In chronic venous disease, as in any other area, guidelines need to follow a number of
obvious quality criteria if they are to be fit for purpose: they must be robust, in other
words based on the evidence contained in randomized controlled trials published in
quality journals; they must be nonpartisan, representing a consensus view of best practice;
and, perhaps most importantly, they should be updated at regular intervals, ideally by a
data collection program incorporated within the guidelines themselves. An important
word of warning, however: guidelines must always be applicable to routine clinical
practice. They cannot be feasible only in an academic or clinical trial setting. If so, they
remain sterile and fail as drivers of progress. This, unfortunately, has been the fate of
many guidelines. Time management issues, staffing levels, sociocultural setting,
economic and organizational environment1—all need to be taken into account if
guidelines are to fulfill their purpose.
Guidelines that are not informed by such considerations risk accusations of irrelevance,
gathering dust on academia’s shelves. Some accusations go further, referring to potential
limitations and possible patient harm. Patients on bed rest for more than 3 days at the
Hasan Sadikin General Hospital (Bandung, Indonesia) did not benefit from antiplatelet
agents: cases of deep vein thrombosis were confined almost entirely to gynecological
patients with cancer.2
Elastic compression stockings are a mandatory precaution for reducing the risk of
postthrombotic syndrome.3 However, they find less favor among Indonesians than among
inhabitants of more temperate climates.
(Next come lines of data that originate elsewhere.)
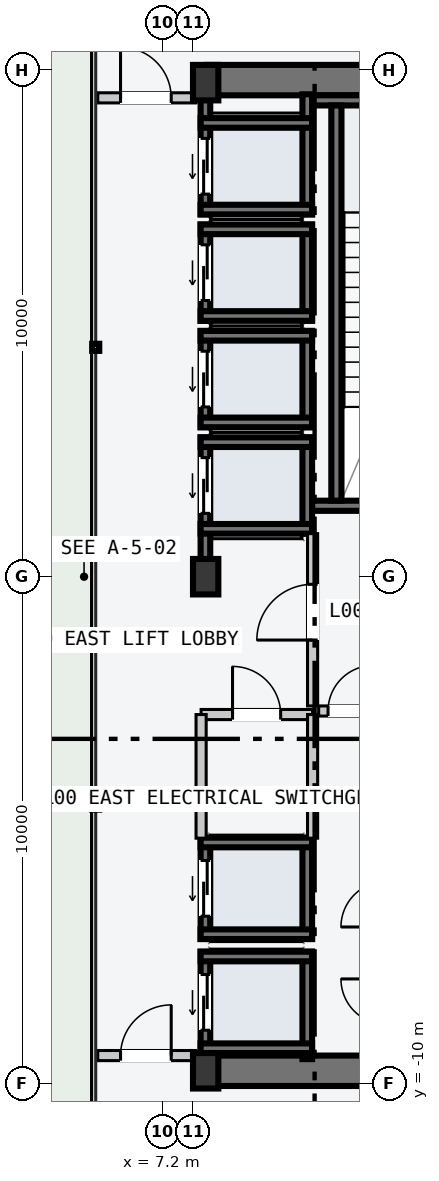
"""IFC4 building model, lengths in metres.
Left out: names, types, materials, properties, quantities, classifications, styles, units other than length and angle.
Written with IfcOpenShell. Run it as: python <this file> out.ifc"""

import sys

from ifc_helpers import new_model, si_unit, direction, frame, frame_2d, origin, origin_2d, place, context, subcontext, project, spatial, rectangle, i_section, extrude, element, fill, save


model = new_model("IFC4")
c1 = context("Model", 3, precision=1e-05, world=origin(), true_north=direction((0.0, 1.0)))
c2 = subcontext(c1, "Body", "Model", "MODEL_VIEW")
j1 = project(units=[si_unit("LENGTHUNIT", "METRE"), si_unit("PLANEANGLEUNIT", "RADIAN")], contexts=[c1])
p1 = place(None, origin())
s1 = spatial("IfcSite", under=j1, at=p1, CompositionType="ELEMENT")
p2 = place(p1, origin())
s2 = spatial("IfcBuilding", under=s1, at=p2, CompositionType="ELEMENT")
p3 = place(p2, origin())
s3 = spatial("IfcBuildingStorey", under=s2, at=p3, CompositionType="ELEMENT", Elevation=0.0)
for number, where, z_axis, x_axis in (
    (1, (8.07, -9.75, -0.22), (0.0, 0.0, 1.0), (1.0, 0.0, 0.0)),
    (2, (8.07, 9.8, -0.22), (0.0, 0.0, 1.0), (1.0, 0.0, 0.0)),
):
    element("IfcWall", number, at=place(p3, frame(where, z_axis=z_axis, x_axis=x_axis)), inside=s3, PredefinedType="SHEAR", context=c2, shape_type="SweptSolid", body=[
        extrude(rectangle(XDim=6.46, YDim=0.6, at=frame_2d((3.23, 0.0))), origin(), (0.0, 0.0, 1.0), 4.8),
    ])
p4 = place(p3, frame((14.25, 1.4, -0.22), z_axis=(0.0, 0.0, 1.0), x_axis=(-1.0, 0.0, 0.0)))
e3 = element("IfcWall", 3, at=p4, inside=s3, PredefinedType="SOLIDWALL", context=c2, shape_type="SweptSolid", body=[
    extrude(rectangle(XDim=4.1, YDim=0.2, at=frame_2d((2.05, 0.0))), origin(), (0.0, 0.0, 1.0), 4.8),
])
p5 = place(p4, frame((1.5, 0.0, 0.22)))
e4 = element("IfcOpeningElement", 4, at=p5, cuts=e3, PredefinedType="OPENING", context=c2, shape_type="SweptSolid", body=[
    extrude(rectangle(XDim=1.12, YDim=2.18, at=frame_2d((0.56, 1.09))), frame((0.0, 0.11, 0.0), z_axis=(0.0, -1.0, 0.0), x_axis=(1.0, 0.0, 0.0)), (0.0, 0.0, 1.0), 0.22),
])
p6 = place(p3, frame((10.15, 9.4, -0.22), z_axis=(0.0, 0.0, 1.0), x_axis=(1.0, 0.0, 0.0)))
e5 = element("IfcWall", 5, at=p6, inside=s3, PredefinedType="SOLIDWALL", context=c2, shape_type="SweptSolid", body=[
    extrude(rectangle(XDim=4.1, YDim=0.2, at=frame_2d((2.05, 0.0))), origin(), (0.0, 0.0, 1.0), 4.8),
])
p7 = place(p3, frame((10.63, 1.5, -0.22), z_axis=(0.0, 0.0, 1.0), x_axis=(0.0, 1.0, 0.0)))
e6 = element("IfcWall", 6, at=p7, inside=s3, PredefinedType="SOLIDWALL", context=c2, shape_type="SweptSolid", body=[
    extrude(rectangle(XDim=7.8, YDim=0.2, at=frame_2d((3.9, 0.0))), origin(), (0.0, 0.0, 1.0), 4.8),
])
for number, where, z_axis, x_axis in (
    (7, (8.05, -9.75, 0.0), (0.0, 0.0, 1.0), (1.0, 0.0, 0.0)),
    (8, (8.05, 0.0, 0.0), (0.0, 0.0, 1.0), (1.0, 0.0, 0.0)),
    (9, (8.05, 9.75, 0.0), (0.0, 0.0, 1.0), (1.0, 0.0, 0.0)),
):
    element("IfcColumn", number, at=place(p3, frame(where, z_axis=z_axis, x_axis=x_axis)), inside=s3, PredefinedType="COLUMN", context=c2, shape_type="SweptSolid", body=[
        extrude(i_section(OverallWidth=0.5, OverallDepth=0.7, WebThickness=0.028, FlangeThickness=0.045, at=origin_2d()), origin(), (0.0, 0.0, 1.0), 4.8),
    ])
p8 = place(p3, frame((8.045, 0.21, -0.22), z_axis=(0.0, 0.0, 1.0), x_axis=(0.0, 1.0, 0.0)))
e10 = element("IfcWall", 10, at=p8, inside=s3, PredefinedType="SOLIDWALL", context=c2, shape_type="SweptSolid", body=[
    extrude(rectangle(XDim=2.54, YDim=0.19, at=frame_2d((1.27, 0.0))), origin(), (0.0, 0.0, 1.0), 4.8),
])
p9 = place(p8, frame((1.04, 0.0, 0.22)))
e11 = element("IfcOpeningElement", 11, at=p9, cuts=e10, PredefinedType="OPENING", context=c2, shape_type="SweptSolid", body=[
    extrude(rectangle(XDim=1.1, YDim=2.2, at=frame_2d((0.55, 1.1))), frame((0.0, 0.105, 0.0), z_axis=(0.0, -1.0, 0.0), x_axis=(1.0, 0.0, 0.0)), (0.0, 0.0, 1.0), 0.21),
])
p10 = place(p3, frame((10.055, 0.85, -0.22), z_axis=(0.0, 0.0, 1.0), x_axis=(0.0, 1.0, 0.0)))
e12 = element("IfcWall", 12, at=p10, inside=s3, PredefinedType="SOLIDWALL", context=c2, shape_type="SweptSolid", body=[
    extrude(rectangle(XDim=1.9, YDim=0.19, at=frame_2d((0.95, 0.0))), origin(), (0.0, 0.0, 1.0), 4.8),
])
for number, where, z_axis, x_axis in (
    (13, (7.95, 2.655, -0.22), (0.0, 0.0, 1.0), (1.0, 0.0, 0.0)),
    (14, (7.95, 0.945, -0.22), (0.0, 0.0, 1.0), (1.0, 0.0, 0.0)),
):
    element("IfcWall", number, at=place(p3, frame(where, z_axis=z_axis, x_axis=x_axis)), inside=s3, PredefinedType="SOLIDWALL", context=c2, shape_type="SweptSolid", body=[
        extrude(rectangle(XDim=2.2, YDim=0.19, at=frame_2d((1.1, 0.0))), origin(), (0.0, 0.0, 1.0), 4.8),
    ])
p11 = place(p3, frame((8.045, 2.95, -0.22), z_axis=(0.0, 0.0, 1.0), x_axis=(0.0, 1.0, 0.0)))
e15 = element("IfcWall", 15, at=p11, inside=s3, PredefinedType="SOLIDWALL", context=c2, shape_type="SweptSolid", body=[
    extrude(rectangle(XDim=1.9, YDim=0.19, at=frame_2d((0.95, 0.0))), origin(), (0.0, 0.0, 1.0), 4.8),
])
p12 = place(p11, frame((0.4, 0.0, 0.22)))
e16 = element("IfcOpeningElement", 16, at=p12, cuts=e15, PredefinedType="OPENING", context=c2, shape_type="SweptSolid", body=[
    extrude(rectangle(XDim=1.1, YDim=2.2, at=frame_2d((0.55, 1.1))), frame((0.0, 0.105, 0.0), z_axis=(0.0, -1.0, 0.0), x_axis=(1.0, 0.0, 0.0)), (0.0, 0.0, 1.0), 0.21),
])
p13 = place(p3, frame((10.055, 2.95, -0.22), z_axis=(0.0, 0.0, 1.0), x_axis=(0.0, 1.0, 0.0)))
e17 = element("IfcWall", 17, at=p13, inside=s3, PredefinedType="SOLIDWALL", context=c2, shape_type="SweptSolid", body=[
    extrude(rectangle(XDim=1.9, YDim=0.19, at=frame_2d((0.95, 0.0))), origin(), (0.0, 0.0, 1.0), 4.8),
])
for number, where, z_axis, x_axis in (
    (18, (7.95, 4.755, -0.22), (0.0, 0.0, 1.0), (1.0, 0.0, 0.0)),
    (19, (7.95, 3.045, -0.22), (0.0, 0.0, 1.0), (1.0, 0.0, 0.0)),
):
    element("IfcWall", number, at=place(p3, frame(where, z_axis=z_axis, x_axis=x_axis)), inside=s3, PredefinedType="SOLIDWALL", context=c2, shape_type="SweptSolid", body=[
        extrude(rectangle(XDim=2.2, YDim=0.19, at=frame_2d((1.1, 0.0))), origin(), (0.0, 0.0, 1.0), 4.8),
    ])
p14 = place(p3, frame((8.045, 5.05, -0.22), z_axis=(0.0, 0.0, 1.0), x_axis=(0.0, 1.0, 0.0)))
e20 = element("IfcWall", 20, at=p14, inside=s3, PredefinedType="SOLIDWALL", context=c2, shape_type="SweptSolid", body=[
    extrude(rectangle(XDim=1.9, YDim=0.19, at=frame_2d((0.95, 0.0))), origin(), (0.0, 0.0, 1.0), 4.8),
])
p15 = place(p14, frame((0.4, 0.0, 0.22)))
e21 = element("IfcOpeningElement", 21, at=p15, cuts=e20, PredefinedType="OPENING", context=c2, shape_type="SweptSolid", body=[
    extrude(rectangle(XDim=1.1, YDim=2.2, at=frame_2d((0.55, 1.1))), frame((0.0, 0.105, 0.0), z_axis=(0.0, -1.0, 0.0), x_axis=(1.0, 0.0, 0.0)), (0.0, 0.0, 1.0), 0.21),
])
p16 = place(p3, frame((10.055, 5.05, -0.22), z_axis=(0.0, 0.0, 1.0), x_axis=(0.0, 1.0, 0.0)))
e22 = element("IfcWall", 22, at=p16, inside=s3, PredefinedType="SOLIDWALL", context=c2, shape_type="SweptSolid", body=[
    extrude(rectangle(XDim=1.9, YDim=0.19, at=frame_2d((0.95, 0.0))), origin(), (0.0, 0.0, 1.0), 4.8),
])
for number, where, z_axis, x_axis in (
    (23, (7.95, 6.855, -0.22), (0.0, 0.0, 1.0), (1.0, 0.0, 0.0)),
    (24, (7.95, 5.145, -0.22), (0.0, 0.0, 1.0), (1.0, 0.0, 0.0)),
):
    element("IfcWall", number, at=place(p3, frame(where, z_axis=z_axis, x_axis=x_axis)), inside=s3, PredefinedType="SOLIDWALL", context=c2, shape_type="SweptSolid", body=[
        extrude(rectangle(XDim=2.2, YDim=0.19, at=frame_2d((1.1, 0.0))), origin(), (0.0, 0.0, 1.0), 4.8),
    ])
p17 = place(p3, frame((8.045, 7.15, -0.22), z_axis=(0.0, 0.0, 1.0), x_axis=(0.0, 1.0, 0.0)))
e25 = element("IfcWall", 25, at=p17, inside=s3, PredefinedType="SOLIDWALL", context=c2, shape_type="SweptSolid", body=[
    extrude(rectangle(XDim=2.37, YDim=0.19, at=frame_2d((1.185, 0.0))), origin(), (0.0, 0.0, 1.0), 4.8),
])
p18 = place(p17, frame((0.4, 0.0, 0.22)))
e26 = element("IfcOpeningElement", 26, at=p18, cuts=e25, PredefinedType="OPENING", context=c2, shape_type="SweptSolid", body=[
    extrude(rectangle(XDim=1.1, YDim=2.2, at=frame_2d((0.55, 1.1))), frame((0.0, 0.105, 0.0), z_axis=(0.0, -1.0, 0.0), x_axis=(1.0, 0.0, 0.0)), (0.0, 0.0, 1.0), 0.21),
])
p19 = place(p3, frame((10.055, 7.15, -0.22), z_axis=(0.0, 0.0, 1.0), x_axis=(0.0, 1.0, 0.0)))
e27 = element("IfcWall", 27, at=p19, inside=s3, PredefinedType="SOLIDWALL", context=c2, shape_type="SweptSolid", body=[
    extrude(rectangle(XDim=2.37, YDim=0.19, at=frame_2d((1.185, 0.0))), origin(), (0.0, 0.0, 1.0), 4.8),
])
for number, where, z_axis, x_axis in (
    (28, (7.95, 8.955, -0.22), (0.0, 0.0, 1.0), (1.0, 0.0, 0.0)),
    (29, (7.95, 7.245, -0.22), (0.0, 0.0, 1.0), (1.0, 0.0, 0.0)),
):
    element("IfcWall", number, at=place(p3, frame(where, z_axis=z_axis, x_axis=x_axis)), inside=s3, PredefinedType="SOLIDWALL", context=c2, shape_type="SweptSolid", body=[
        extrude(rectangle(XDim=2.2, YDim=0.19, at=frame_2d((1.1, 0.0))), origin(), (0.0, 0.0, 1.0), 4.8),
    ])
p20 = place(p3, frame((8.045, -9.52, -0.22), z_axis=(0.0, 0.0, 1.0), x_axis=(0.0, 1.0, 0.0)))
e30 = element("IfcWall", 30, at=p20, inside=s3, PredefinedType="SOLIDWALL", context=c2, shape_type="SweptSolid", body=[
    extrude(rectangle(XDim=2.12, YDim=0.19, at=frame_2d((1.06, 0.0))), origin(), (0.0, 0.0, 1.0), 4.8),
])
p21 = place(p20, frame((0.57, 0.0, 0.22)))
e31 = element("IfcOpeningElement", 31, at=p21, cuts=e30, PredefinedType="OPENING", context=c2, shape_type="SweptSolid", body=[
    extrude(rectangle(XDim=1.1, YDim=2.2, at=frame_2d((0.55, 1.1))), frame((0.0, 0.105, 0.0), z_axis=(0.0, -1.0, 0.0), x_axis=(1.0, 0.0, 0.0)), (0.0, 0.0, 1.0), 0.21),
])
p22 = place(p3, frame((10.055, -9.52, -0.22), z_axis=(0.0, 0.0, 1.0), x_axis=(0.0, 1.0, 0.0)))
e32 = element("IfcWall", 32, at=p22, inside=s3, PredefinedType="SOLIDWALL", context=c2, shape_type="SweptSolid", body=[
    extrude(rectangle(XDim=2.12, YDim=0.19, at=frame_2d((1.06, 0.0))), origin(), (0.0, 0.0, 1.0), 4.8),
])
for number, where, z_axis, x_axis in (
    (33, (7.95, -7.495, -0.22), (0.0, 0.0, 1.0), (1.0, 0.0, 0.0)),
    (34, (7.95, -9.305, -0.22), (0.0, 0.0, 1.0), (1.0, 0.0, 0.0)),
):
    element("IfcWall", number, at=place(p3, frame(where, z_axis=z_axis, x_axis=x_axis)), inside=s3, PredefinedType="SOLIDWALL", context=c2, shape_type="SweptSolid", body=[
        extrude(rectangle(XDim=2.2, YDim=0.19, at=frame_2d((1.1, 0.0))), origin(), (0.0, 0.0, 1.0), 4.8),
    ])
p23 = place(p3, frame((8.045, -7.15, -0.22), z_axis=(0.0, 0.0, 1.0), x_axis=(0.0, 1.0, 0.0)))
e35 = element("IfcWall", 35, at=p23, inside=s3, PredefinedType="SOLIDWALL", context=c2, shape_type="SweptSolid", body=[
    extrude(rectangle(XDim=2.0, YDim=0.19, at=frame_2d((1.0, 0.0))), origin(), (0.0, 0.0, 1.0), 4.8),
])
p24 = place(p23, frame((0.45, 0.0, 0.22)))
e36 = element("IfcOpeningElement", 36, at=p24, cuts=e35, PredefinedType="OPENING", context=c2, shape_type="SweptSolid", body=[
    extrude(rectangle(XDim=1.1, YDim=2.2, at=frame_2d((0.55, 1.1))), frame((0.0, 0.105, 0.0), z_axis=(0.0, -1.0, 0.0), x_axis=(1.0, 0.0, 0.0)), (0.0, 0.0, 1.0), 0.21),
])
p25 = place(p3, frame((10.055, -7.15, -0.22), z_axis=(0.0, 0.0, 1.0), x_axis=(0.0, 1.0, 0.0)))
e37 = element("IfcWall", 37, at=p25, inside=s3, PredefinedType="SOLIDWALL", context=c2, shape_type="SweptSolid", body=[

The stockings are difficult to wear in hot and
sweaty conditions. This is an instance of a northern recommendation falling foul of a
southern geographic location.
For more detailed information on this topic, we interviewed nine doctors treating chronic
venous disease in four Bandung hospitals. Almost none ever follow the elastic
compression stocking guideline. Only two sometimes implemented the guideline. This
decision appeared to alienate all the doctors from the other recommendations in the
guideline, with the result that they did not understand why they should follow any such
guideline or feel obliged to do so. Instead, they manage their patients according to the
relevant textbook and maintain that this produces acceptable results. In this instance, it
could be concluded that despite all the arguments in favor of guidelines, there is little
evidence of management failing without them._
References
1. Groll R. Implementation of evidence and guidelines in clinical practice: a new field of
research. Int J Qual Health Care. 2000;12:455-456.
2. Prasetyo E. Deep vein thrombosis: Is malignancy the most dominant risk? Bandung,
Indonesia: School of Medicine, Pajajaran University; 2007.
3. Kolbach DN, Sandbrink MW, Hamulyak K, Neumann HA, Prins MH.
Non-pharmaceutical measures for prevention of post-thrombotic syndrome. Cochrane
Database Syst Rev. 2004;(1):CD004174.